In 2014 Museveni started his journey on evolving tactics on fighting the rising levels of crime in the country as his rule became longer and longer. First with crime preventers who were recruited from universities and from hordes of unemployed youth groups. Championed by then Inspector General of Police IGP Gen. Kale Kayihura, the crime preventers would work as informants to police officers and listening post in rural areas as Kayihura touted the model of community policing.

However it was not long before the crime preventers were involved in Museveni’s election campaigns and sucked into money schemes. Kayihura had resorted to scheming chunks off money from the police budget to cater to crime preventers. The crime preventers scheme collapsed after the 2016 elections and they had become more renowned for creating pockets of crime than actual crime fighting.

Some of Museveni’s critics like Gen. Mugisha Muntu, a former army commander and presidential candidate in the 2021 polls, says the varying tactics and response mechanisms are a result of investing heavily in regime survival tactics. “He puts more money in riot control than any other aspect of policing. It is not about security of the people”.

Muntu says it is largely a question of money in the law and order sector. “If you do not put enough money in CID, prosecutions and judiciary, that is what happens.”

The leader of the new party, Alliance for National Transformation (ANT), says police having a large budget does not cut it. “Not every police officer can carry out investigations. How many CID officers are there? How well trained are they?”

Muntu, one of the longest serving army commanders says the circuit of CID, prosecutions and the courts is key if there can be a difference. “Criminals fear to be detected, arrested, tried and sentenced. If they notice a loophole, boom.”

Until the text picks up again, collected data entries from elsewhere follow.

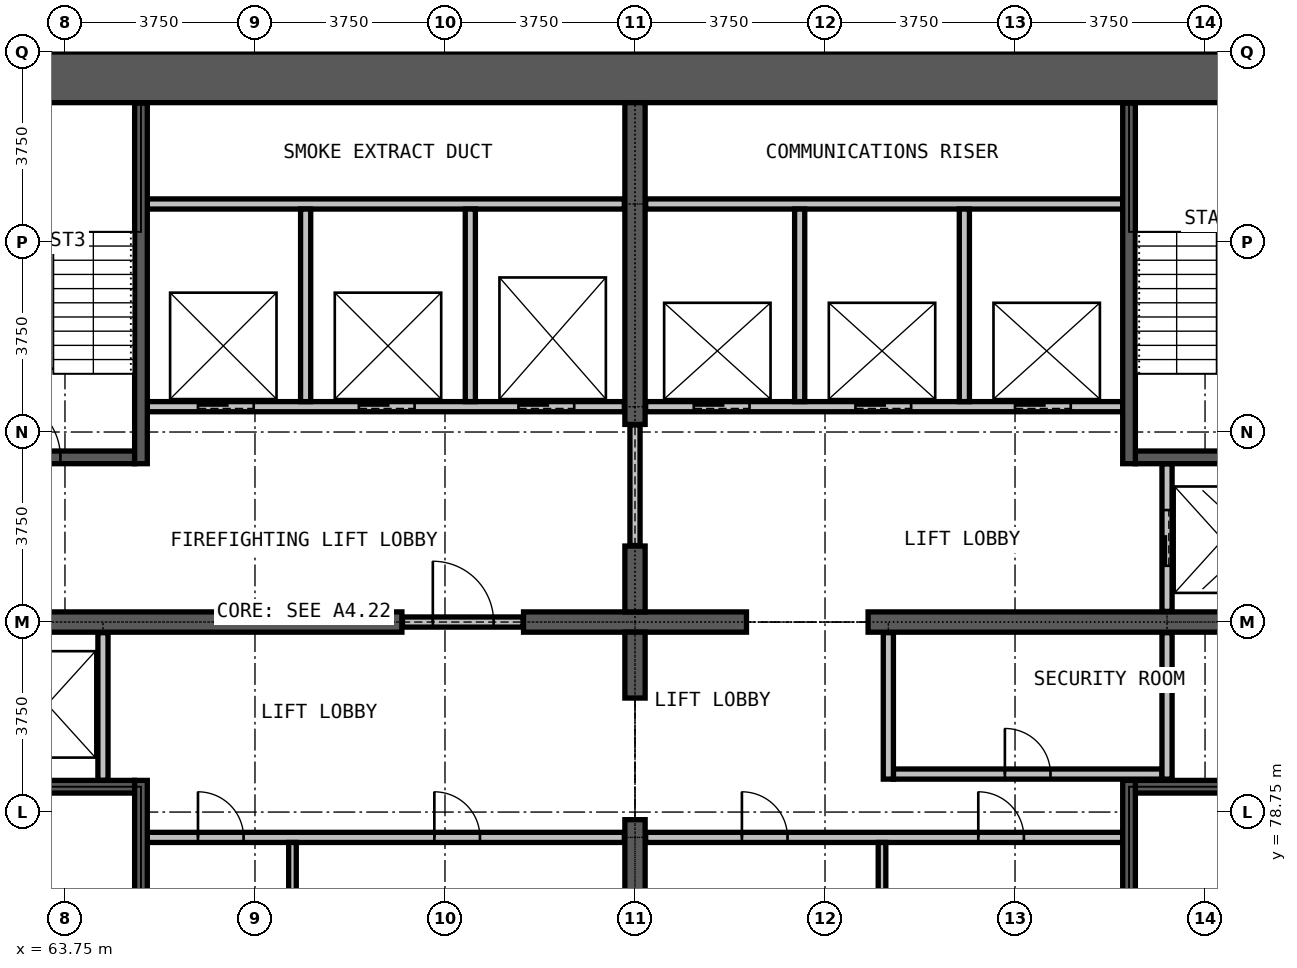
"""IFC4 building model, lengths in metres.
Left out: names, types, materials, properties, quantities, classifications, styles, units other than length and angle.
Written with IfcOpenShell. Run it as: python <this file> out.ifc"""

import sys

from ifc_helpers import new_model, si_unit, direction, frame, frame_2d, origin, place, context, subcontext, project, spatial, rectangle, extrude, element, fill, save


model = new_model("IFC4")
c1 = context("Model", 3, precision=1e-05, world=origin(), true_north=direction((0.0, 1.0)))
c2 = subcontext(c1, "Body", "Model", "MODEL_VIEW")
j1 = project(units=[si_unit("LENGTHUNIT", "METRE"), si_unit("PLANEANGLEUNIT", "RADIAN")], contexts=[c1])
p1 = place(None, origin())
s1 = spatial("IfcSite", under=j1, at=p1, CompositionType="ELEMENT")
p2 = place(p1, origin())
s2 = spatial("IfcBuilding", under=s1, at=p2, CompositionType="ELEMENT")
p3 = place(p2, frame((0.0, 0.0, 235.5)))
s3 = spatial("IfcBuildingStorey", under=s2, at=p3, CompositionType="ELEMENT", Elevation=235.5)
p4 = place(p3, frame((90.0, 93.25, 0.0), z_axis=(0.0, 0.0, 1.0), x_axis=(-1.0, 0.0, 0.0)))
e1 = element("IfcWall", 1, at=p4, inside=s3, PredefinedType="SHEAR", context=c2, shape_type="SweptSolid", body=[
    extrude(rectangle(XDim=30.0, YDim=1.0, at=frame_2d((15.0, 0.0))), origin(), (0.0, 0.0, 1.0), 3.6),
])
p5 = place(p3, frame((61.0, 82.5, 0.0), z_axis=(0.0, 0.0, 1.0), x_axis=(1.0, 0.0, 0.0)))
e2 = element("IfcWall", 2, at=p5, inside=s3, PredefinedType="SHEAR", context=c2, shape_type="SweptSolid", body=[
    extrude(rectangle(XDim=9.4, YDim=0.4, at=frame_2d((4.7, 0.0))), origin(), (0.0, 0.0, 1.0), 3.6),
])
p6 = place(p3, frame((72.8, 82.5, 0.0), z_axis=(0.0, 0.0, 1.0), x_axis=(1.0, 0.0, 0.0)))
e3 = element("IfcWall", 3, at=p6, inside=s3, PredefinedType="SHEAR", context=c2, shape_type="SweptSolid", body=[
    extrude(rectangle(XDim=4.4, YDim=0.4, at=frame_2d((2.2, 0.0))), origin(), (0.0, 0.0, 1.0), 3.6),
])
p7 = place(p3, frame((79.6, 82.5, 0.0), z_axis=(0.0, 0.0, 1.0), x_axis=(1.0, 0.0, 0.0)))
e4 = element("IfcWall", 4, at=p7, inside=s3, PredefinedType="SHEAR", context=c2, shape_type="SweptSolid", body=[
    extrude(rectangle(XDim=9.4, YDim=0.4, at=frame_2d((4.7, 0.0))), origin(), (0.0, 0.0, 1.0), 3.6),
])
p8 = place(p3, frame((75.0, 72.25, 0.0), z_axis=(0.0, 0.0, 1.0), x_axis=(0.0, 1.0, 0.0)))
e5 = element("IfcWall", 5, at=p8, inside=s3, PredefinedType="SHEAR", context=c2, shape_type="SweptSolid", body=[
    extrude(rectangle(XDim=6.35, YDim=0.4, at=frame_2d((3.175, 0.0))), origin(), (0.0, 0.0, 1.0), 3.6),
])
for number, where, z_axis, x_axis in (
    (6, (75.0, 81.0, 0.0), (0.0, 0.0, 1.0), (0.0, 1.0, 0.0)),
    (7, (75.0, 82.7, 0.0), (0.0, 0.0, 1.0), (0.0, 1.0, 0.0)),
):
    element("IfcWall", number, at=place(p3, frame(where, z_axis=z_axis, x_axis=x_axis)), inside=s3, PredefinedType="SHEAR", context=c2, shape_type="SweptSolid", body=[
        extrude(rectangle(XDim=1.3, YDim=0.4, at=frame_2d((0.65, 0.0))), origin(), (0.0, 0.0, 1.0), 3.6),
    ])
p9 = place(p3, frame((75.0, 86.4, 0.0), z_axis=(0.0, 0.0, 1.0), x_axis=(0.0, 1.0, 0.0)))
e8 = element("IfcWall", 8, at=p9, inside=s3, PredefinedType="SHEAR", context=c2, shape_type="SweptSolid", body=[
    extrude(rectangle(XDim=6.35, YDim=0.4, at=frame_2d((3.175, 0.0))), origin(), (0.0, 0.0, 1.0), 3.6),
])
p10 = place(p3, frame((65.375, 78.25, 0.0), z_axis=(0.0, 0.0, 1.0), x_axis=(1.0, 0.0, 0.0)))
e9 = element("IfcWall", 9, at=p10, inside=s3, PredefinedType="PARTITIONING", context=c2, shape_type="SweptSolid", body=[
    extrude(rectangle(XDim=9.415, YDim=0.2, at=frame_2d((4.708, 0.0))), origin(), (0.0, 0.0, 1.0), 3.3),
])
p11 = place(p10, frame((1.0, 0.0, 0.0)))
e10 = element("IfcOpeningElement", 10, at=p11, cuts=e9, PredefinedType="OPENING", context=c2, shape_type="SweptSolid", body=[
    extrude(rectangle(XDim=0.9, YDim=2.2, at=frame_2d((0.45, 1.1))), frame((0.0, 0.11, 0.0), z_axis=(0.0, -1.0, 0.0), x_axis=(1.0, 0.0, 0.0)), (0.0, 0.0, 1.0), 0.22),
])
p12 = place(p10, frame((5.665, 0.0, 0.0)))
e11 = element("IfcOpeningElement", 11, at=p12, cuts=e9, PredefinedType="OPENING", context=c2, shape_type="SweptSolid", body=[
    extrude(rectangle(XDim=0.9, YDim=2.2, at=frame_2d((0.45, 1.1))), frame((0.0, 0.11, 0.0), z_axis=(0.0, -1.0, 0.0), x_axis=(1.0, 0.0, 0.0)), (0.0, 0.0, 1.0), 0.22),
])
p13 = place(p3, frame((75.21, 78.25, 0.0), z_axis=(0.0, 0.0, 1.0), x_axis=(1.0, 0.0, 0.0)))
e12 = element("IfcWall", 12, at=p13, inside=s3, PredefinedType="PARTITIONING", context=c2, shape_type="SweptSolid", body=[
    extrude(rectangle(XDim=9.415, YDim=0.2, at=frame_2d((4.708, 0.0))), origin(), (0.0, 0.0, 1.0), 3.3),
])
p14 = place(p13, frame((1.9, 0.0, 0.0)))
e13 = element("IfcOpeningElement", 13, at=p14, cuts=e12, PredefinedType="OPENING", context=c2, shape_type="SweptSolid", body=[
    extrude(rectangle(XDim=0.9, YDim=2.2, at=frame_2d((0.45, 1.1))), frame((0.0, 0.11, 0.0), z_axis=(0.0, -1.0, 0.0), x_axis=(1.0, 0.0, 0.0)), (0.0, 0.0, 1.0), 0.22),
])
p15 = place(p13, frame((6.565, 0.0, 0.0)))
e14 = element("IfcOpeningElement", 14, at=p15, cuts=e12, PredefinedType="OPENING", context=c2, shape_type="SweptSolid", body=[
    extrude(rectangle(XDim=0.9, YDim=2.2, at=frame_2d((0.45, 1.1))), frame((0.0, 0.11, 0.0), z_axis=(0.0, -1.0, 0.0), x_axis=(1.0, 0.0, 0.0)), (0.0, 0.0, 1.0), 0.22),
])
p16 = place(p3, frame((80.1, 79.5, 0.0), z_axis=(0.0, 0.0, 1.0), x_axis=(1.0, 0.0, 0.0)))
e15 = element("IfcWall", 15, at=p16, inside=s3, PredefinedType="PARTITIONING", context=c2, shape_type="SweptSolid", body=[
    extrude(rectangle(XDim=5.3, YDim=0.2, at=frame_2d((2.65, 0.0))), origin(), (0.0, 0.0, 1.0), 3.3),
])
p17 = place(p16, frame((2.2, 0.0, 0.0)))
e16 = element("IfcOpeningElement", 16, at=p17, cuts=e15, PredefinedType="OPENING", context=c2, shape_type="SweptSolid", body=[
    extrude(rectangle(XDim=0.9, YDim=2.2, at=frame_2d((0.45, 1.1))), frame((0.0, 0.11, 0.0), z_axis=(0.0, -1.0, 0.0), x_axis=(1.0, 0.0, 0.0)), (0.0, 0.0, 1.0), 0.22),
])
p18 = place(p3, frame((70.41, 82.5, 0.0), z_axis=(0.0, 0.0, 1.0), x_axis=(1.0, 0.0, 0.0)))
e17 = element("IfcWall", 17, at=p18, inside=s3, PredefinedType="PARTITIONING", context=c2, shape_type="SweptSolid", body=[
    extrude(rectangle(XDim=2.38, YDim=0.2, at=frame_2d((1.19, 0.0))), origin(), (0.0, 0.0, 1.0), 2.4),
])
p19 = place(p18, frame((0.6, 0.0, 0.0)))
e18 = element("IfcOpeningElement", 18, at=p19, cuts=e17, PredefinedType="OPENING", context=c2, shape_type="SweptSolid", body=[
    extrude(rectangle(XDim=1.2, YDim=2.2, at=frame_2d((0.6, 1.1))), frame((0.0, 0.11, 0.0), z_axis=(0.0, -1.0, 0.0), x_axis=(1.0, 0.0, 0.0)), (0.0, 0.0, 1.0), 0.22),
])
p20 = place(p3, frame((75.0, 84.01, 0.0), z_axis=(0.0, 0.0, 1.0), x_axis=(0.0, 1.0, 0.0)))
e19 = element("IfcWall", 19, at=p20, inside=s3, PredefinedType="PARTITIONING", context=c2, shape_type="SweptSolid", body=[
    extrude(rectangle(XDim=2.38, YDim=0.2, at=frame_2d((1.19, 0.0))), origin(), (0.0, 0.0, 1.0), 2.4),
])
for number, where, z_axis, x_axis in (
    (20, (80.0, 79.4, 0.0), (0.0, 0.0, 1.0), (0.0, 1.0, 0.0)),
    (21, (85.5, 79.4, 0.0), (0.0, 0.0, 1.0), (0.0, 1.0, 0.0)),
):
    element("IfcWall", number, at=place(p3, frame(where, z_axis=z_axis, x_axis=x_axis)), inside=s3, PredefinedType="PARTITIONING", context=c2, shape_type="SweptSolid", body=[
        extrude(rectangle(XDim=2.89, YDim=0.2, at=frame_2d((1.445, 0.0))), origin(), (0.0, 0.0, 1.0), 3.3),
    ])
for number, where, z_axis, x_axis in (
    (22, (68.24, 74.35, 0.0), (0.0, 0.0, 1.0), (0.0, 1.0, 0.0)),
    (23, (79.875, 74.35, 0.0), (0.0, 0.0, 1.0), (0.0, 1.0, 0.0)),
):
    element("IfcWall", number, at=place(p3, frame(where, z_axis=z_axis, x_axis=x_axis)), inside=s3, PredefinedType="PARTITIONING", context=c2, shape_type="SweptSolid", body=[
        extrude(rectangle(XDim=3.8, YDim=0.15, at=frame_2d((1.9, 0.0))), origin(), (0.0, 0.0, 1.0), 3.3),
    ])
p21 = place(p3, frame((65.375, 86.75, 0.0), z_axis=(0.0, 0.0, 1.0), x_axis=(1.0, 0.0, 0.0)))
e24 = element("IfcWall", 24, at=p21, inside=s3, PredefinedType="PARTITIONING", context=c2, shape_type="SweptSolid", body=[
    extrude(rectangle(XDim=9.415, YDim=0.2, at=frame_2d((4.708, 0.0))), origin(), (0.0, 0.0, 1.0), 3.3),
])
p22 = place(p21, frame((1.0, 0.0, 0.0)))
e25 = element("IfcOpeningElement", 25, at=p22, cuts=e24, PredefinedType="OPENING", context=c2, shape_type="SweptSolid", body=[
    extrude(rectangle(XDim=1.1, YDim=2.2, at=frame_2d((0.55, 1.1))), frame((0.0, 0.11, 0.0), z_axis=(0.0, -1.0, 0.0), x_axis=(1.0, 0.0, 0.0)), (0.0, 0.0, 1.0), 0.22),
])
p23 = place(p21, frame((4.175, 0.0, 0.0)))
e26 = element("IfcOpeningElement", 26, at=p23, cuts=e24, PredefinedType="OPENING", context=c2, shape_type="SweptSolid", body=[
    extrude(rectangle(XDim=1.1, YDim=2.2, at=frame_2d((0.55, 1.1))), frame((0.0, 0.11, 0.0), z_axis=(0.0, -1.0, 0.0), x_axis=(1.0, 0.0, 0.0)), (0.0, 0.0, 1.0), 0.22),
])
p24 = place(p21, frame((7.325, 0.0, 0.0)))
e27 = element("IfcOpeningElement", 27, at=p24, cuts=e24, PredefinedType="OPENING", context=c2, shape_type="SweptSolid", body=[
    extrude(rectangle(XDim=1.1, YDim=2.2, at=frame_2d((0.55, 1.1))), frame((0.0, 0.11, 0.0), z_axis=(0.0, -1.0, 0.0), x_axis=(1.0, 0.0, 0.0)), (0.0, 0.0, 1.0), 0.22),
])
p25 = place(p3, frame((75.21, 86.75, 0.0), z_axis=(0.0, 0.0, 1.0), x_axis=(1.0, 0.0, 0.0)))
e28 = element("IfcWall", 28, at=p25, inside=s3, PredefinedType="PARTITIONING", context=c2, shape_type="SweptSolid", body=[
    extrude(rectangle(XDim=9.415, YDim=0.2, at=frame_2d((4.708, 0.0))), origin(), (0.0, 0.0, 1.0), 3.3),
])
p26 = place(p25, frame((0.95, 0.0, 0.0)))
e29 = element("IfcOpeningElement", 29, at=p26, cuts=e28, PredefinedType="OPENING", context=c2, shape_type="SweptSolid", body=[
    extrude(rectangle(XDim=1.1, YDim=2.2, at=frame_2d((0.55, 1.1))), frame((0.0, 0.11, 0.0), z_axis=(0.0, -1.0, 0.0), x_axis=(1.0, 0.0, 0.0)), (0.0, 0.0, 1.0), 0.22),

He also pokes holes into the current strategy of CCTV surveillance. “The cameras capture data but it needs someone to interpret it and use it as evidence. You cannot talk about the technical part without talking about the human factor.”

According to police, the assailants had trailed Wamala from his home in Najjera, 4km away. To Museveni however, these assailants with their skills and precision are pigs. Museveni has been slammed for the constant reference to pigs as simplistic.

During the election of Speaker on May 24, Museveni bragged how he resorted to guerilla tactics to defeat Kadaga and create harmony in the NRM party after a divisive campaign season.

Some however have wondered why the President who refers to himself as a Ssabalwanyi (chief fighter) does not apply guerilla tactics when they are needed most: when dealing with notorious criminals who have fashioned motorcycles as one of their favoured tactics.